Respected Member of Parliament,

We write to you to express our concern regarding the proposed Digital Personal Data Protection Bill (DPDPB), 2022 and the undemocratic manner in which public consultation on the bill has been invited, in violation of procedural requirements as per the Pre- Legislative Consultative Policy (PLCP), 2014.

  1. On 18th November 2022, the Ministry of Electronics and Information Technology (MeitY) published the draft DPDPB, 2022 and explanatory note on their website along with a notice inviting feedback on the bill from the public within 30 days. While the PLCP clearly stipulates that any Department/ Ministry must take proactive steps necessary to ensure that the draft legislation has wide reach and publicity – the draft DPDPB, 2022 has only been made available in the English language on the MeitY website. To ensure a transparent and robust consultative process as envisaged by the PLCP, 2014 – the time period for the consultation must be extended and MeitY ought to release the draft Bill in multiple Indian languages, and facilitate physical platforms other than their website to provide wider publicity and engagement with the consultative process.
  2. The process to submit comments is only through the MyGov website which is convoluted and difficult to navigate – allowing only submissions and feedback that are made chapter-wise. Additionally, the notice issued by MeitY further states that the submissions invited from the public will not be disclosed in the public domain and ‘held in fiduciary capacity, to enable persons submitting feedback to provide the same freely’. The non-disclosure of comments received from the public and the status of its consideration by the Government, goes against the basic tenets of a public consultation process.

The Digital Personal Data Protection Bill is a legislation that will impact all citizens of India, and any consultative process must remain transparent, open and inclusive and in line with the Pre-Legislative Consultation Policy, 2014.

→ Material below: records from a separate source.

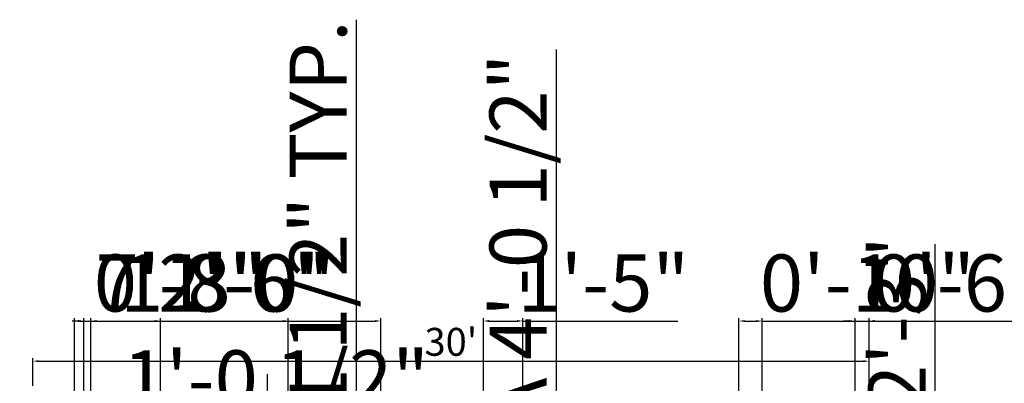
# Model space of a CAD drawing. Units: inches. Extents: x 1542 to 2523, y 1699 to 2449.
# Tile 6 of 7: x 1875 to 2299, y 2292 to 2449. Entities that reach past the tile are written whole.
import ezdxf

# ---------------------------------------------------------------- set-up
doc = ezdxf.new("R2010")
doc.units = ezdxf.units.IN
doc.layers.add('A-ANNO-DIMS', color=7, linetype='Continuous', lineweight=18)
doc.styles.get("Standard").update_dxf_attribs({"font": 'arial.ttf'})
doc.dimstyles.new('ISO-25', dxfattribs={"dimtxt": 24.5625, "dimasz": 2.5, "dimexe": 1.25, "dimexo": 0.625, "dimtad": 1, "dimlunit": 4, "dimtxsty": 'Standard', "dimcen": 2.5, "dimadec": 0, "dimazin": 0, "dimtfac": 10, "dimtmove": 0, "dimatfit": 3, "dimfxl": 1, "dimarcsym": 0})

# ---------------------------------------------------------------- blocks, each defined once
blk = doc.blocks.new('*D9')
at = {"layer": 'A-ANNO-DIMS', "color": 0, "lineweight": -2, "transparency": 16777216}
for p, q in [((1880.38, 2291.06), (1880.38, 2302.87)), ((2240.38, 2291.06), (2240.38, 2302.87)), ((1882.88, 2301.62), (2237.88, 2301.62))]:
    blk.add_line(p, q, dxfattribs=at)
at = {"layer": 'A-ANNO-DIMS', "color": 0, "transparency": 16777216}
for points in [[(1882.88, 2302.04), (1882.88, 2301.2), (1880.38, 2301.62)], [(2237.88, 2302.04), (2237.88, 2301.2), (2240.38, 2301.62)]]:
    blk.add_solid(points, dxfattribs=at)
at = {"layer": 'Defpoints', "color": 0, "transparency": 16777216}
for p in [(2240.38, 2301.62), (1880.38, 2290.44), (2240.38, 2290.44)]:
    blk.add_point(p, dxfattribs=at)
at = {"layer": 'A-ANNO-DIMS', "color": 0, "transparency": 16777216, "insert": (2060.38, 2308.37), "char_height": 12, "attachment_point": 5}
blk.add_mtext("30'", dxfattribs=at)
blk = doc.blocks.new('*D33')
at = {"layer": 'A-ANNO-DIMS', "color": 0, "lineweight": -2, "transparency": 16777216}
for p, q in [((1909.3, 2275.17), (1909.3, 2278.75)), ((1911.8, 2277.5), (1919.33, 2277.5)), ((1921.83, 2275.17), (1921.83, 2278.75)), ((1921.83, 2277.5), (2045.8, 2277.5))]:
    blk.add_line(p, q, dxfattribs=at)
at = {"layer": 'A-ANNO-DIMS', "color": 0, "transparency": 16777216}
for points in [[(1911.8, 2277.92), (1911.8, 2277.09), (1909.3, 2277.5)], [(1919.33, 2277.92), (1919.33, 2277.09), (1921.83, 2277.5)]]:
    blk.add_solid(points, dxfattribs=at)
at = {"layer": 'Defpoints', "color": 0, "transparency": 16777216}
for p in [(1921.83, 2277.5), (1909.3, 2274.54), (1921.83, 2274.54)]:
    blk.add_point(p, dxfattribs=at)
at = {"layer": 'A-ANNO-DIMS', "color": 0, "transparency": 16777216, "insert": (1985.06, 2290.83), "char_height": 24.562, "attachment_point": 5}
blk.add_mtext('1\'-0 1/2"', dxfattribs=at)
blk = doc.blocks.new('*D34')
at = {"layer": 'A-ANNO-DIMS', "color": 0, "lineweight": -2, "transparency": 16777216}
for p, q in [((1981.43, 2074.83), (1981.43, 2296.01)), ((1977.09, 2074.83), (1982.68, 2074.83)), ((1981.43, 2044.29), (1981.43, 2072.33)), ((1977.09, 2041.79), (1982.68, 2041.79))]:
    blk.add_line(p, q, dxfattribs=at)
at = {"layer": 'A-ANNO-DIMS', "color": 0, "transparency": 16777216}
for points in [[(1981.01, 2072.33), (1981.84, 2072.33), (1981.43, 2074.83)], [(1981.01, 2044.29), (1981.84, 2044.29), (1981.43, 2041.79)]]:
    blk.add_solid(points, dxfattribs=at)
at = {"layer": 'Defpoints', "color": 0, "transparency": 16777216}
for p in [(1976.47, 2074.83), (1981.43, 2074.83), (1976.47, 2041.79)]:
    blk.add_point(p, dxfattribs=at)
at = {"layer": 'A-ANNO-DIMS', "color": 0, "transparency": 16777216, "insert": (1968.1, 2186.67), "char_height": 24.5625, "attachment_point": 5, "rotation": 90}
blk.add_mtext('WC 2\'-9" TYP.', dxfattribs=at)
blk = doc.blocks.new('*D38')
at = {"layer": 'A-ANNO-DIMS', "color": 0, "lineweight": -2, "transparency": 16777216}
for p, q in [((1907.17, 2252.37), (1542.11, 2252.37)), ((1907.17, 2238.32), (1907.17, 2253.62)), ((2002.53, 2252.37), (1909.67, 2252.37)), ((2005.03, 2238.32), (2005.03, 2253.62))]:
    blk.add_line(p, q, dxfattribs=at)
at = {"layer": 'A-ANNO-DIMS', "color": 0, "transparency": 16777216}
for points in [[(1909.67, 2252.79), (1909.67, 2251.95), (1907.17, 2252.37)], [(2002.53, 2252.79), (2002.53, 2251.95), (2005.03, 2252.37)]]:
    blk.add_solid(points, dxfattribs=at)
at = {"layer": 'Defpoints', "color": 0, "transparency": 16777216}
for p in [(1907.17, 2252.37), (1907.17, 2237.69), (2005.03, 2237.69)]:
    blk.add_point(p, dxfattribs=at)
at = {"layer": 'A-ANNO-DIMS', "color": 0, "transparency": 16777216, "insert": (1723.39, 2266.45), "char_height": 24.5625, "attachment_point": 5}
blk.add_mtext('QUEEN BED 8\'-2" TYP.', dxfattribs=at)
blk = doc.blocks.new('*D39')
at = {"layer": 'A-ANNO-DIMS', "color": 0, "lineweight": -2, "transparency": 16777216}
for p, q in [((2019.71, 2237.69), (2019.71, 2448.53)), ((2005.65, 2237.69), (2020.96, 2237.69)), ((2019.71, 2166.8), (2019.71, 2235.19)), ((2005.65, 2164.3), (2020.96, 2164.3))]:
    blk.add_line(p, q, dxfattribs=at)
at = {"layer": 'A-ANNO-DIMS', "color": 0, "transparency": 16777216}
for points in [[(2019.29, 2235.19), (2020.12, 2235.19), (2019.71, 2237.69)], [(2019.29, 2166.8), (2020.12, 2166.8), (2019.71, 2164.3)]]:
    blk.add_solid(points, dxfattribs=at)
at = {"layer": 'Defpoints', "color": 0, "transparency": 16777216}
for p in [(2005.03, 2237.69), (2019.71, 2237.69), (2005.03, 2164.3)]:
    blk.add_point(p, dxfattribs=at)
at = {"layer": 'A-ANNO-DIMS', "color": 0, "transparency": 16777216, "insert": (2006.38, 2344.36), "char_height": 24.5625, "attachment_point": 5, "rotation": 90}
blk.add_mtext('6\'-1 1/2" TYP.', dxfattribs=at)
blk = doc.blocks.new('*D44')
at = {"layer": 'A-ANNO-DIMS', "color": 0, "lineweight": -2, "transparency": 16777216}
for p, q in [((2105.8, 2206.61), (2105.8, 2435.72)), ((2099.19, 2206.61), (2107.05, 2206.61)), ((2105.8, 2160.85), (2105.8, 2204.11)), ((2099.19, 2158.35), (2107.05, 2158.35))]:
    blk.add_line(p, q, dxfattribs=at)
at = {"layer": 'A-ANNO-DIMS', "color": 0, "transparency": 16777216}
for points in [[(2105.39, 2204.11), (2106.22, 2204.11), (2105.8, 2206.61)], [(2105.39, 2160.85), (2106.22, 2160.85), (2105.8, 2158.35)]]:
    blk.add_solid(points, dxfattribs=at)
at = {"layer": 'Defpoints', "color": 0, "transparency": 16777216}
for p in [(2098.56, 2206.61), (2105.8, 2206.61), (2098.56, 2158.35)]:
    blk.add_point(p, dxfattribs=at)
at = {"layer": 'A-ANNO-DIMS', "color": 0, "transparency": 16777216, "insert": (2092.47, 2322.42), "char_height": 24.5625, "attachment_point": 5, "rotation": 90}
blk.add_mtext('SOFA 4\'-0 1/2"', dxfattribs=at)
blk = doc.blocks.new('*D48')
at = {"layer": 'A-ANNO-DIMS', "color": 0, "lineweight": -2, "transparency": 16777216}
for p, q in [((1905.38, 2077.06), (1905.38, 2320.14)), ((1907.88, 2318.89), (1932.88, 2318.89)), ((1935.38, 2077.06), (1935.38, 2320.14)), ((1935.38, 2318.89), (2004.84, 2318.89))]:
    blk.add_line(p, q, dxfattribs=at)
at = {"layer": 'A-ANNO-DIMS', "color": 0, "transparency": 16777216}
for points in [[(1907.88, 2319.31), (1907.88, 2318.47), (1905.38, 2318.89)], [(1932.88, 2319.31), (1932.88, 2318.47), (1935.38, 2318.89)]]:
    blk.add_solid(points, dxfattribs=at)
at = {"layer": 'Defpoints', "color": 0, "transparency": 16777216}
for p in [(1935.38, 2318.89), (1905.38, 2076.44), (1935.38, 2076.44)]:
    blk.add_point(p, dxfattribs=at)
at = {"layer": 'A-ANNO-DIMS', "color": 0, "transparency": 16777216, "insert": (1971.36, 2332.05), "char_height": 24.562, "attachment_point": 5}
blk.add_mtext('2\'-6"', dxfattribs=at)
blk = doc.blocks.new('*D50')
at = {"layer": 'A-ANNO-DIMS', "color": 0, "lineweight": -2, "transparency": 16777216}
for p, q in [((2268.83, 2282.44), (2268.83, 2351.9)), ((1987.01, 2282.44), (2270.08, 2282.44)), ((2268.83, 2257.94), (2268.83, 2279.94)), ((1987.01, 2255.44), (2270.08, 2255.44))]:
    blk.add_line(p, q, dxfattribs=at)
at = {"layer": 'A-ANNO-DIMS', "color": 0, "transparency": 16777216}
for points in [[(2268.42, 2279.94), (2269.25, 2279.94), (2268.83, 2282.44)], [(2268.42, 2257.94), (2269.25, 2257.94), (2268.83, 2255.44)]]:
    blk.add_solid(points, dxfattribs=at)
at = {"layer": 'Defpoints', "color": 0, "transparency": 16777216}
for p in [(1986.38, 2282.44), (2268.83, 2282.44), (1986.38, 2255.44)]:
    blk.add_point(p, dxfattribs=at)
at = {"layer": 'A-ANNO-DIMS', "color": 0, "transparency": 16777216, "insert": (2255.66, 2318.42), "char_height": 24.562, "attachment_point": 5, "rotation": 90}
blk.add_mtext('2\'-3"', dxfattribs=at)
blk = doc.blocks.new('*D54')
at = {"layer": 'A-ANNO-DIMS', "color": 0, "lineweight": -2, "transparency": 16777216}
for p, q in [((2231.88, 2318.89), (2229.38, 2318.89)), ((2234.38, 2285.06), (2234.38, 2320.14)), ((2234.38, 2318.89), (2240.38, 2318.89)), ((2240.38, 2291.06), (2240.38, 2320.14)), ((2242.88, 2318.89), (2311.93, 2318.89))]:
    blk.add_line(p, q, dxfattribs=at)
at = {"layer": 'A-ANNO-DIMS', "color": 0, "transparency": 16777216}
for points in [[(2231.88, 2319.31), (2231.88, 2318.47), (2234.38, 2318.89)], [(2242.88, 2319.31), (2242.88, 2318.47), (2240.38, 2318.89)]]:
    blk.add_solid(points, dxfattribs=at)
at = {"layer": 'Defpoints', "color": 0, "transparency": 16777216}
for p in [(2240.38, 2318.89), (2240.38, 2290.44), (2234.38, 2284.44)]:
    blk.add_point(p, dxfattribs=at)
at = {"layer": 'A-ANNO-DIMS', "color": 0, "transparency": 16777216, "insert": (2278.65, 2332.05), "char_height": 24.562, "attachment_point": 5}
blk.add_mtext('0\'-6"', dxfattribs=at)
blk = doc.blocks.new('*D61')
at = {"layer": 'A-ANNO-DIMS', "color": 0, "lineweight": -2, "transparency": 16777216}
for p, q in [((1898.38, 2253.06), (1898.38, 2320.14)), ((1900.88, 2318.89), (2027.64, 2318.89)), ((2030.14, 2253.06), (2030.14, 2320.14))]:
    blk.add_line(p, q, dxfattribs=at)
at = {"layer": 'A-ANNO-DIMS', "color": 0, "transparency": 16777216}
for points in [[(1900.88, 2319.31), (1900.88, 2318.47), (1898.38, 2318.89)], [(2027.64, 2319.31), (2027.64, 2318.47), (2030.14, 2318.89)]]:
    blk.add_solid(points, dxfattribs=at)
at = {"layer": 'Defpoints', "color": 0, "transparency": 16777216}
for p in [(2030.14, 2318.89), (1898.38, 2252.44), (2030.14, 2252.44)]:
    blk.add_point(p, dxfattribs=at)
at = {"layer": 'A-ANNO-DIMS', "color": 0, "transparency": 16777216, "insert": (1964.26, 2332.05), "char_height": 24.562, "attachment_point": 5}
blk.add_mtext('11\'-0"', dxfattribs=at)
blk = doc.blocks.new('*D62')
at = {"layer": 'A-ANNO-DIMS', "color": 0, "lineweight": -2, "transparency": 16777216}
for p, q in [((2074.38, 2249.06), (2074.38, 2320.14)), ((2076.88, 2318.89), (2088.88, 2318.89)), ((2091.38, 2249.06), (2091.38, 2320.14)), ((2091.38, 2318.89), (2158.11, 2318.89))]:
    blk.add_line(p, q, dxfattribs=at)
at = {"layer": 'A-ANNO-DIMS', "color": 0, "transparency": 16777216}
for points in [[(2076.88, 2319.31), (2076.88, 2318.47), (2074.38, 2318.89)], [(2088.88, 2319.31), (2088.88, 2318.47), (2091.38, 2318.89)]]:
    blk.add_solid(points, dxfattribs=at)
at = {"layer": 'Defpoints', "color": 0, "transparency": 16777216}
for p in [(2091.38, 2318.89), (2074.38, 2248.44), (2091.38, 2248.44)]:
    blk.add_point(p, dxfattribs=at)
at = {"layer": 'A-ANNO-DIMS', "color": 0, "transparency": 16777216, "insert": (2126, 2332.05), "char_height": 24.562, "attachment_point": 5}
blk.add_mtext('1\'-5"', dxfattribs=at)
blk = doc.blocks.new('*D63')
at = {"layer": 'A-ANNO-DIMS', "color": 0, "lineweight": -2, "transparency": 16777216}
for p, q in [((2184.39, 2249.06), (2184.39, 2320.14)), ((2186.89, 2318.89), (2191.88, 2318.89)), ((2194.38, 2249.06), (2194.38, 2320.14)), ((2194.38, 2318.89), (2282.51, 2318.89))]:
    blk.add_line(p, q, dxfattribs=at)
at = {"layer": 'A-ANNO-DIMS', "color": 0, "transparency": 16777216}
for points in [[(2186.89, 2319.31), (2186.89, 2318.47), (2184.39, 2318.89)], [(2191.88, 2319.31), (2191.88, 2318.47), (2194.38, 2318.89)]]:
    blk.add_solid(points, dxfattribs=at)
at = {"layer": 'Defpoints', "color": 0, "transparency": 16777216}
for p in [(2194.38, 2318.89), (2184.39, 2248.44), (2194.38, 2248.44)]:
    blk.add_point(p, dxfattribs=at)
at = {"layer": 'A-ANNO-DIMS', "color": 0, "transparency": 16777216, "insert": (2239.7, 2332.05), "char_height": 24.562, "attachment_point": 5}
blk.add_mtext('0\'-10"', dxfattribs=at)
blk = doc.blocks.new('*D65')
at = {"layer": 'A-ANNO-DIMS', "color": 0, "lineweight": -2, "transparency": 16777216}
for p, q in [((1898.38, 2285.06), (1898.38, 2320.14)), ((1900.88, 2318.89), (1987.88, 2318.89)), ((1990.38, 2285.06), (1990.38, 2320.14))]:
    blk.add_line(p, q, dxfattribs=at)
at = {"layer": 'A-ANNO-DIMS', "color": 0, "transparency": 16777216}
for points in [[(1900.88, 2319.31), (1900.88, 2318.47), (1898.38, 2318.89)], [(1987.88, 2319.31), (1987.88, 2318.47), (1990.38, 2318.89)]]:
    blk.add_solid(points, dxfattribs=at)
at = {"layer": 'Defpoints', "color": 0, "transparency": 16777216}
for p in [(1990.38, 2318.89), (1898.38, 2284.44), (1990.38, 2284.44)]:
    blk.add_point(p, dxfattribs=at)
at = {"layer": 'A-ANNO-DIMS', "color": 0, "transparency": 16777216, "insert": (1944.38, 2332.05), "char_height": 24.562, "attachment_point": 5}
blk.add_mtext('7\'-8"', dxfattribs=at)
blk = doc.blocks.new('*D66')
at = {"layer": 'A-ANNO-DIMS', "color": 0, "lineweight": -2, "transparency": 16777216}
for p, q in [((1851.93, 2286.94), (1851.93, 2413.22)), ((1901.76, 2284.44), (1850.68, 2284.44)), ((1851.93, 2279.86), (1851.93, 2284.44)), ((1901.76, 2279.86), (1850.68, 2279.86)), ((1851.93, 2277.36), (1851.93, 2274.86))]:
    blk.add_line(p, q, dxfattribs=at)
at = {"layer": 'A-ANNO-DIMS', "color": 0, "transparency": 16777216}
for points in [[(1851.52, 2286.94), (1852.35, 2286.94), (1851.93, 2284.44)], [(1851.52, 2277.36), (1852.35, 2277.36), (1851.93, 2279.86)]]:
    blk.add_solid(points, dxfattribs=at)
at = {"layer": 'Defpoints', "color": 0, "transparency": 16777216}
for p in [(1851.93, 2284.44), (1902.38, 2284.44), (1902.38, 2279.86)]:
    blk.add_point(p, dxfattribs=at)
at = {"layer": 'A-ANNO-DIMS', "color": 0, "transparency": 16777216, "insert": (1838.61, 2351.33), "char_height": 24.562, "attachment_point": 5, "rotation": 90}
blk.add_mtext('0\'-4 1/2"', dxfattribs=at)
blk = doc.blocks.new('*D69')
at = {"layer": 'A-ANNO-DIMS', "color": 0, "lineweight": -2, "transparency": 16777216}
for p, q in [((1899.88, 2318.89), (1897.38, 2318.89)), ((1902.38, 2077.06), (1902.38, 2320.14)), ((1902.38, 2318.89), (1905.38, 2318.89)), ((1905.38, 2077.06), (1905.38, 2320.14)), ((1907.88, 2318.89), (1976.93, 2318.89))]:
    blk.add_line(p, q, dxfattribs=at)
at = {"layer": 'A-ANNO-DIMS', "color": 0, "transparency": 16777216}
for points in [[(1899.88, 2319.31), (1899.88, 2318.47), (1902.38, 2318.89)], [(1907.88, 2319.31), (1907.88, 2318.47), (1905.38, 2318.89)]]:
    blk.add_solid(points, dxfattribs=at)
at = {"layer": 'Defpoints', "color": 0, "transparency": 16777216}
for p in [(1905.38, 2318.89), (1902.38, 2076.44), (1905.38, 2076.44)]:
    blk.add_point(p, dxfattribs=at)
at = {"layer": 'A-ANNO-DIMS', "color": 0, "transparency": 16777216, "insert": (1943.65, 2332.06), "char_height": 24.562, "attachment_point": 5}
blk.add_mtext('0\'-3"', dxfattribs=at)

msp = doc.modelspace()

# ---------------------------------------------------------------- dimensions: what is measured, and where the dimension line sits
at = {"layer": 'A-ANNO-DIMS'}
for base, p1, p2, angle, text, picture, middle in [((2019.707, 2237.692), (2005.029, 2164.301), (2005.029, 2237.692), 90, '<> TYP.', '*D39', (2006.382, 2344.362)), ((2105.802, 2206.606), (2098.565, 2158.354), (2098.565, 2206.606), 90, 'SOFA <>', '*D44', (2092.469, 2322.416)), ((1907.173, 2252.371), (2005.029, 2237.692), (1907.173, 2237.692), 180, 'QUEEN BED <> TYP.', '*D38', (1723.39, 2266.45)), ((1981.426, 2074.834), (1976.469, 2041.788), (1976.469, 2074.834), 90, 'WC <> TYP.', '*D34', (1968.101, 2186.673))]:
    dim = msp.add_linear_dim(base=base, p1=p1, p2=p2, angle=angle, text=text, dimstyle='ISO-25', override={"dimdec": 1, "dimlfac": 1, "dimrnd": 0, "dimzin": 1, "dimdsep": 46, "dimlunit": 4, "dimfrac": 2}, dxfattribs=at)
    dim.commit()
    dim.dimension.update_dxf_attribs({"geometry": picture, "text_midpoint": middle})
for base, p1, p2, picture, middle in [((1851.933, 2284.439), (1902.383, 2279.859), (1902.383, 2284.439), '*D66', (1838.607, 2351.328)), ((2268.833, 2282.439), (1986.383, 2255.439), (1986.383, 2282.439), '*D50', (2255.658, 2318.42))]:
    dim = msp.add_linear_dim(base=base, p1=p1, p2=p2, angle=90, dimstyle='ISO-25', override={"dimdec": 1, "dimlfac": 1, "dimrnd": 0, "dimzin": 1, "dimdsep": 46, "dimlunit": 4, "dimfrac": 2}, dxfattribs=at)
    dim.commit()
    dim.dimension.update_dxf_attribs({"geometry": picture, "text_midpoint": middle})
for base, p1, p2, override, picture, middle in [((1905.383, 2318.889), (1902.383, 2076.439), (1905.383, 2076.439), {"dimdec": 1, "dimlfac": 1, "dimrnd": 0, "dimzin": 1, "dimdsep": 46, "dimlunit": 4, "dimfrac": 2}, '*D69', (1943.654, 2332.063)), ((2030.138, 2318.889), (1898.383, 2252.439), (2030.138, 2252.439), {"dimdec": 1, "dimlfac": 1, "dimrnd": 0, "dimzin": 1, "dimdsep": 46, "dimlunit": 4, "dimfrac": 2}, '*D61', (1964.26, 2332.055)), ((1990.383, 2318.889), (1898.383, 2284.439), (1990.383, 2284.439), {"dimdec": 1, "dimlfac": 1, "dimrnd": 0, "dimzin": 1, "dimdsep": 46, "dimlunit": 4, "dimfrac": 2}, '*D65', (1944.383, 2332.055)), ((1935.383, 2318.889), (1905.383, 2076.439), (1935.383, 2076.439), {"dimdec": 1, "dimlfac": 1, "dimrnd": 0, "dimzin": 1, "dimdsep": 46, "dimlunit": 4, "dimfrac": 2}, '*D48', (1971.364, 2332.055)), ((2091.383, 2318.889), (2074.383, 2248.439), (2091.383, 2248.439), {"dimdec": 1, "dimlfac": 1, "dimrnd": 0, "dimzin": 1, "dimdsep": 46, "dimlunit": 4, "dimfrac": 2}, '*D62', (2125.998, 2332.055)), ((2194.383, 2318.889), (2184.395, 2248.439), (2194.383, 2248.439), {"dimdec": 1, "dimlfac": 1, "dimrnd": 0, "dimzin": 1, "dimdsep": 46, "dimlunit": 4, "dimfrac": 2}, '*D63', (2239.696, 2332.055)), ((2240.383, 2318.889), (2234.383, 2284.439), (2240.383, 2290.439), {"dimdec": 1, "dimlfac": 1, "dimrnd": 0, "dimzin": 1, "dimdsep": 46, "dimlunit": 4, "dimfrac": 2}, '*D54', (2278.654, 2332.055)), ((1921.831, 2277.503), (1909.3, 2274.545), (1921.831, 2274.545), {"dimdec": 1, "dimlfac": 1, "dimrnd": 0, "dimzin": 1, "dimdsep": 46, "dimlunit": 4, "dimfrac": 2}, '*D33', (1985.063, 2290.828)), ((2240.383, 2301.619), (1880.383, 2290.439), (2240.383, 2290.439), {"dimtxt": 12, "dimclrd": 0, "dimclre": 0, "dimclrt": 0}, '*D9', (2060.383, 2308.375))]:
    dim = msp.add_linear_dim(base=base, p1=p1, p2=p2, dimstyle='ISO-25', override=override, dxfattribs=at)
    dim.commit()
    dim.dimension.update_dxf_attribs({"geometry": picture, "text_midpoint": middle})

doc.saveas('drawing.dxf')

  1. The Data Protection Board is the principal authority that has been set up to determine non-compliance with the provisions of the Act and for adjudicating compliance and redressing grievances. Section 19 of the DPDPB, 2022 confers discretionary powers to the Central Government which is responsible for determining the selection and compositions, terms of conditions, and removal of the Chairperson of the Data Protection Board. The lack of independence of the Data Protection Board is extremely worrying and it is imperative that such a board function without the interference of the Central Government to enable the protection of the interest of citizens, specifically qua violations of the DPDPB carried out by the Central Government. Additionally, the draft Bill stipulates that the functions of this Board will be digital in design, making the complaints and redress process exclusionary.
  2. The draft Bill which seeks to create a legal framework for the governing of personal digital data in India contains several problematic formulations within it that fail to protect the right to privacy of individuals and seriously undermine transparency and accountability through the proposed amendments to Section 8 (i) (j) of the Right to Information in Section 30 of the draft Bill. Section 8(i)(j) of the RTI law contains within it privacy protections which have been settled positions of law while the proposed amendments render both the right to privacy and the RTI ineffective. Through this amendment, all personal information can be denied, even if disclosure of that information is relevant to the larger part of public activity or in public interest as provided for in Section 8 of the RTI Act. It unjustifiably removes the proviso to Section 8 that equates the citizens right to not be unjustifiably denied information with that of the elected representative and the legislature This gives legal sanction for government entities, government functionaries and political executives to remain opaque in their functioning. This will also result in regression of legal victories consolidated thus far that have ensured the declaration of information in the public domain in the public interest of entities enjoying power and privilege.
  3. The proposed Bill has the potential to place restrictions on public disclosures mandated by various welfare laws and schemes like the National Food Security, 2013, National Rural Employment Guarantee Act, 2005, and the National Social Assistance Programme that are vital to maintaining transparency and accountability. These mandates of information disclosure have been hard won gains through decades of struggle and advocacy. However, disregard of this hard won right and principle, the non-obstante clause Section 29 (2) of the DPDPB, 2022 reads “In the event of any conflict between a provision of this Act and a provision of any other law for the time being in force, the provision of this Act shall prevail to the extent of such conflict.”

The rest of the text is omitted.